Session Type: ACR Poster Session C
Session Time: 9:00AM-11:00AM
Background/Purpose: The American College of Rheumatology (ACR) practice guidelines establish U.S. and international treatment recommendations and hence performance measures and research priorities, so we sought to characterize the quality of evidence, the strength of recommendations and their relationship in the ACR guidelines.
Methods: For consistency (because ACR guidelines as of March 2016 used 3 different evidence grading systems), two independent reviewers applied the American College of Cardiology (ACC)/ American Heart Association (AHA) grading system to evaluate the quality (level) of evidence and class (benefit to harm or strength) of ACR treatment recommendations. To give each guideline equal weight, we reported results as medians and interquartile ranges (IQR) of the percentages of recommendations by level and class within each guideline.

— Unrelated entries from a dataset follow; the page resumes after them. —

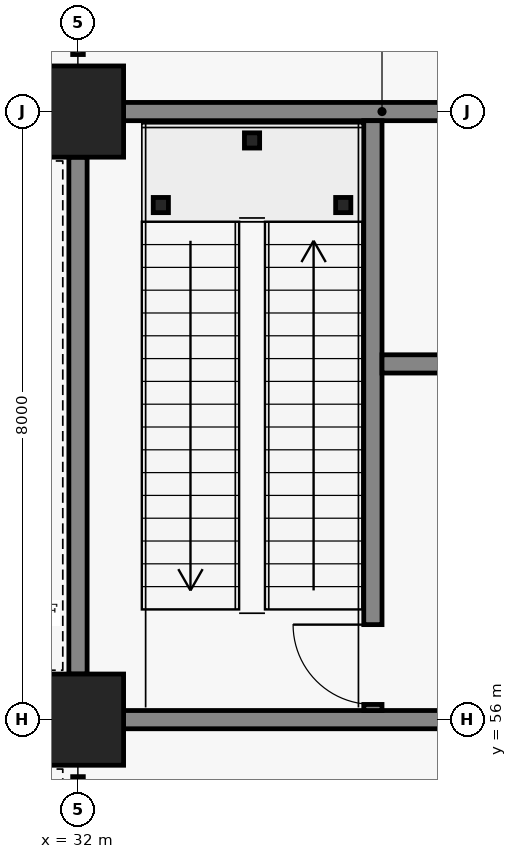
"""IFC4 building model, lengths in metres.
Left out: names, types, materials, properties, quantities, classifications, styles, units other than length and angle.
Written with IfcOpenShell. Run it as: python <this file> out.ifc"""

import sys

from ifc_helpers import new_model, si_unit, direction, frame, frame_2d, origin, origin_2d, place, context, subcontext, project, spatial, rectangle, hollow_rectangle, extrude, element, fill, save


model = new_model("IFC4")
c1 = context("Model", 3, precision=1e-05, world=origin(), true_north=direction((0.0, 1.0)))
c2 = subcontext(c1, "Body", "Model", "MODEL_VIEW")
j1 = project(units=[si_unit("LENGTHUNIT", "METRE"), si_unit("PLANEANGLEUNIT", "RADIAN")], contexts=[c1])
p1 = place(None, origin())
s1 = spatial("IfcSite", under=j1, at=p1, CompositionType="ELEMENT")
p2 = place(p1, origin())
s2 = spatial("IfcBuilding", under=s1, at=p2, CompositionType="ELEMENT")
p3 = place(p2, frame((0.0, 0.0, -5.4)))
s3 = spatial("IfcBuildingStorey", under=s2, at=p3, CompositionType="ELEMENT", Elevation=-5.4)
for number, where, z_axis, x_axis in (
    (1, (32.0, 56.0, 0.0), (0.0, 0.0, 1.0), (1.0, 0.0, 0.0)),
    (2, (32.0, 64.0, 0.0), (0.0, 0.0, 1.0), (1.0, 0.0, 0.0)),
):
    element("IfcColumn", number, at=place(p3, frame(where, z_axis=z_axis, x_axis=x_axis)), inside=s3, PredefinedType="COLUMN", context=c2, shape_type="SweptSolid", body=[
        extrude(rectangle(XDim=1.2, YDim=1.2, at=origin_2d()), origin(), (0.0, 0.0, 1.0), 5.4),
    ])
p4 = place(p3, frame((32.6, 56.0, 0.0), z_axis=(0.0, 0.0, 1.0), x_axis=(1.0, 0.0, 0.0)))
e3 = element("IfcWall", 3, at=p4, inside=s3, PredefinedType="SHEAR", context=c2, shape_type="SweptSolid", body=[
    extrude(rectangle(XDim=6.8, YDim=0.24, at=frame_2d((3.4, 0.0))), origin(), (0.0, 0.0, 1.0), 4.59),
])
p5 = place(p4, frame((4.65, 0.0, 0.0)))
e4 = element("IfcOpeningElement", 4, at=p5, cuts=e3, PredefinedType="OPENING", context=c2, shape_type="SweptSolid", body=[
    extrude(rectangle(XDim=1.1, YDim=2.2, at=frame_2d((0.55, 1.1))), frame((0.0, 0.13, 0.0), z_axis=(0.0, -1.0, 0.0), x_axis=(1.0, 0.0, 0.0)), (0.0, 0.0, 1.0), 0.26),
])
p6 = place(p3, frame((32.6, 64.0, 0.0), z_axis=(0.0, 0.0, 1.0), x_axis=(1.0, 0.0, 0.0)))
e5 = element("IfcWall", 5, at=p6, inside=s3, PredefinedType="SHEAR", context=c2, shape_type="SweptSolid", body=[
    extrude(rectangle(XDim=6.8, YDim=0.24, at=frame_2d((3.4, 0.0))), origin(), (0.0, 0.0, 1.0), 4.59),
])
p7 = place(p3, frame((32.0, 56.6, 0.0), z_axis=(0.0, 0.0, 1.0), x_axis=(0.0, 1.0, 0.0)))
e6 = element("IfcWall", 6, at=p7, inside=s3, PredefinedType="SHEAR", context=c2, shape_type="SweptSolid", body=[
    extrude(rectangle(XDim=6.8, YDim=0.24, at=frame_2d((3.4, 0.0))), origin(), (0.0, 0.0, 1.0), 4.39),
])
p8 = place(p3, frame((35.88, 56.12, 0.0), z_axis=(0.0, 0.0, 1.0), x_axis=(0.0, 1.0, 0.0)))
e7 = element("IfcWall", 7, at=p8, inside=s3, PredefinedType="SHEAR", context=c2, shape_type="SweptSolid", body=[
    extrude(rectangle(XDim=7.76, YDim=0.24, at=frame_2d((3.88, 0.0))), origin(), (0.0, 0.0, 1.0), 4.59),
])
p9 = place(p8, frame((0.08, 0.0, 0.0)))
e8 = element("IfcOpeningElement", 8, at=p9, cuts=e7, PredefinedType="OPENING", context=c2, shape_type="SweptSolid", body=[
    extrude(rectangle(XDim=1.05, YDim=2.15, at=frame_2d((0.525, 1.075))), frame((0.0, 0.13, 0.0), z_axis=(0.0, -1.0, 0.0), x_axis=(1.0, 0.0, 0.0)), (0.0, 0.0, 1.0), 0.26),
])
p10 = place(p3, frame((36.0, 60.68, 0.0), z_axis=(0.0, 0.0, 1.0), x_axis=(1.0, 0.0, 0.0)))
e9 = element("IfcWall", 9, at=p10, inside=s3, PredefinedType="SHEAR", context=c2, shape_type="SweptSolid", body=[
    extrude(rectangle(XDim=3.88, YDim=0.24, at=frame_2d((1.94, 0.0))), origin(), (0.0, 0.0, 1.0), 4.39),
])
p11 = place(p10, frame((1.0, 0.0, 0.0)))
e10 = element("IfcOpeningElement", 10, at=p11, cuts=e9, PredefinedType="OPENING", context=c2, shape_type="SweptSolid", body=[
    extrude(rectangle(XDim=1.1, YDim=2.15, at=frame_2d((0.55, 1.075))), frame((0.0, 0.13, 0.0), z_axis=(0.0, -1.0, 0.0), x_axis=(1.0, 0.0, 0.0)), (0.0, 0.0, 1.0), 0.26),
])
for number, where, z_axis, x_axis in (
    (11, (33.09, 62.77, 0.0), (0.0, 0.0, 1.0), (1.0, 0.0, 0.0)),
    (12, (35.49, 62.77, 0.0), (0.0, 0.0, 1.0), (1.0, 0.0, 0.0)),
    (13, (34.29, 63.62, 0.0), (0.0, 0.0, 1.0), (1.0, 0.0, 0.0)),
):
    element("IfcColumn", number, at=place(p3, frame(where, z_axis=z_axis, x_axis=x_axis)), inside=s3, PredefinedType="COLUMN", context=c2, shape_type="SweptSolid", body=[
        extrude(hollow_rectangle(XDim=0.2, YDim=0.2, WallThickness=0.009, at=origin_2d()), origin(), (0.0, 0.0, 1.0), 2.5),
    ])
p12 = place(p3, frame((32.0, 48.75, 0.0), z_axis=(0.0, 0.0, 1.0), x_axis=(0.0, 1.0, 0.0)))
e14 = element("IfcWall", 14, at=p12, inside=s3, PredefinedType="MOVABLE", context=c2, shape_type="SweptSolid", body=[
    extrude(rectangle(XDim=6.5, YDim=0.14, at=frame_2d((3.25, 0.0))), origin(), (0.0, 0.0, 1.0), 4.39),
])
p13 = place(p12, frame((2.775, 0.0, 0.0)))
e15 = element("IfcOpeningElement", 15, at=p13, cuts=e14, PredefinedType="OPENING", context=c2, shape_type="SweptSolid", body=[
    extrude(rectangle(XDim=0.95, YDim=2.1, at=frame_2d((0.475, 1.05))), frame((0.0, 0.08, 0.0), z_axis=(0.0, -1.0, 0.0), x_axis=(1.0, 0.0, 0.0)), (0.0, 0.0, 1.0), 0.16),
])
p14 = place(p3, frame((32.0, 64.75, 0.0), z_axis=(0.0, 0.0, 1.0), x_axis=(0.0, 1.0, 0.0)))
e16 = element("IfcWall", 16, at=p14, inside=s3, PredefinedType="MOVABLE", context=c2, shape_type="SweptSolid", body=[
    extrude(rectangle(XDim=6.5, YDim=0.14, at=frame_2d((3.25, 0.0))), origin(), (0.0, 0.0, 1.0), 4.39),
])
p15 = place(p14, frame((2.75, 0.0, 0.0)))
e17 = element("IfcOpeningElement", 17, at=p15, cuts=e16, PredefinedType="OPENING", context=c2, shape_type="SweptSolid", body=[
    extrude(rectangle(XDim=1.0, YDim=2.1, at=frame_2d((0.5, 1.05))), frame((0.0, 0.08, 0.0), z_axis=(0.0, -1.0, 0.0), x_axis=(1.0, 0.0, 0.0)), (0.0, 0.0, 1.0), 0.16),
])
p16 = place(p9, origin())
e18 = element("IfcDoor", 18, at=p16, inside=s3, OperationType="SINGLE_SWING_RIGHT", PredefinedType="DOOR", context=c2, shape_type="SweptSolid", body=[
    extrude(rectangle(XDim=1.05, YDim=2.15, at=frame_2d((0.525, 1.075))), frame((0.0, 0.025, 0.0), z_axis=(0.0, -1.0, 0.0), x_axis=(1.0, 0.0, 0.0)), (0.0, 0.0, 1.0), 0.05),
])
fill(e8, e18)
save(model, sys.argv[1])

Results: In the 8 guidelines (Glucocorticoid Induced Osteoporosis (GIOP); Juvenile Idiopathic Arthritis (JIA); Gout; Lupus Nephritis (LN); Osteoarthritis (OA); Spondyloarthritis (SpA); Polymyalgia Rheumatica (PMR); Rheumatoid Arthritis (RA)) involving 403 (range 10-102) recommendations, 23% (IQR 12-30%) were supported by level A (high) quality evidence; 18% (IQR 15-20%) level B (moderate); and 50% level C (IQR 46-70%) (low) (Table 1). In the 4 guidelines that reported the strength of 143 recommendations, 26% (IQR 21-31%) were class I (high benefit to harm ratio); 62% (IQR 58-64%) class II (moderate to low benefit to harm); and 16% (IQR 13-19%) class III (harm exceeds benefit) (Table 2). Overall, only 10% (IQR 7-12%) of recommendations (mean 9% of 143 recommendations) had both level A evidence and class I strength of recommendation. Of the level A and class I recommendations, the majority involved OA. Similarly, only 6% (IQR 2-12%) of recommendations (mean 9% of 143 recommendations) had both level B evidence and class I strength of recommendation. Most recommendations were level C and class II (median 30%, IQR 21-41%%, mean 32%). At the extremes, OA (58%) and GIOP (35%) had the most level A recommendations, and JIA (2%) and PMR (10%) had the least. Conversely, level C evidence comprised 86% of JIA recommendations, 70% of RA and 70% of LN.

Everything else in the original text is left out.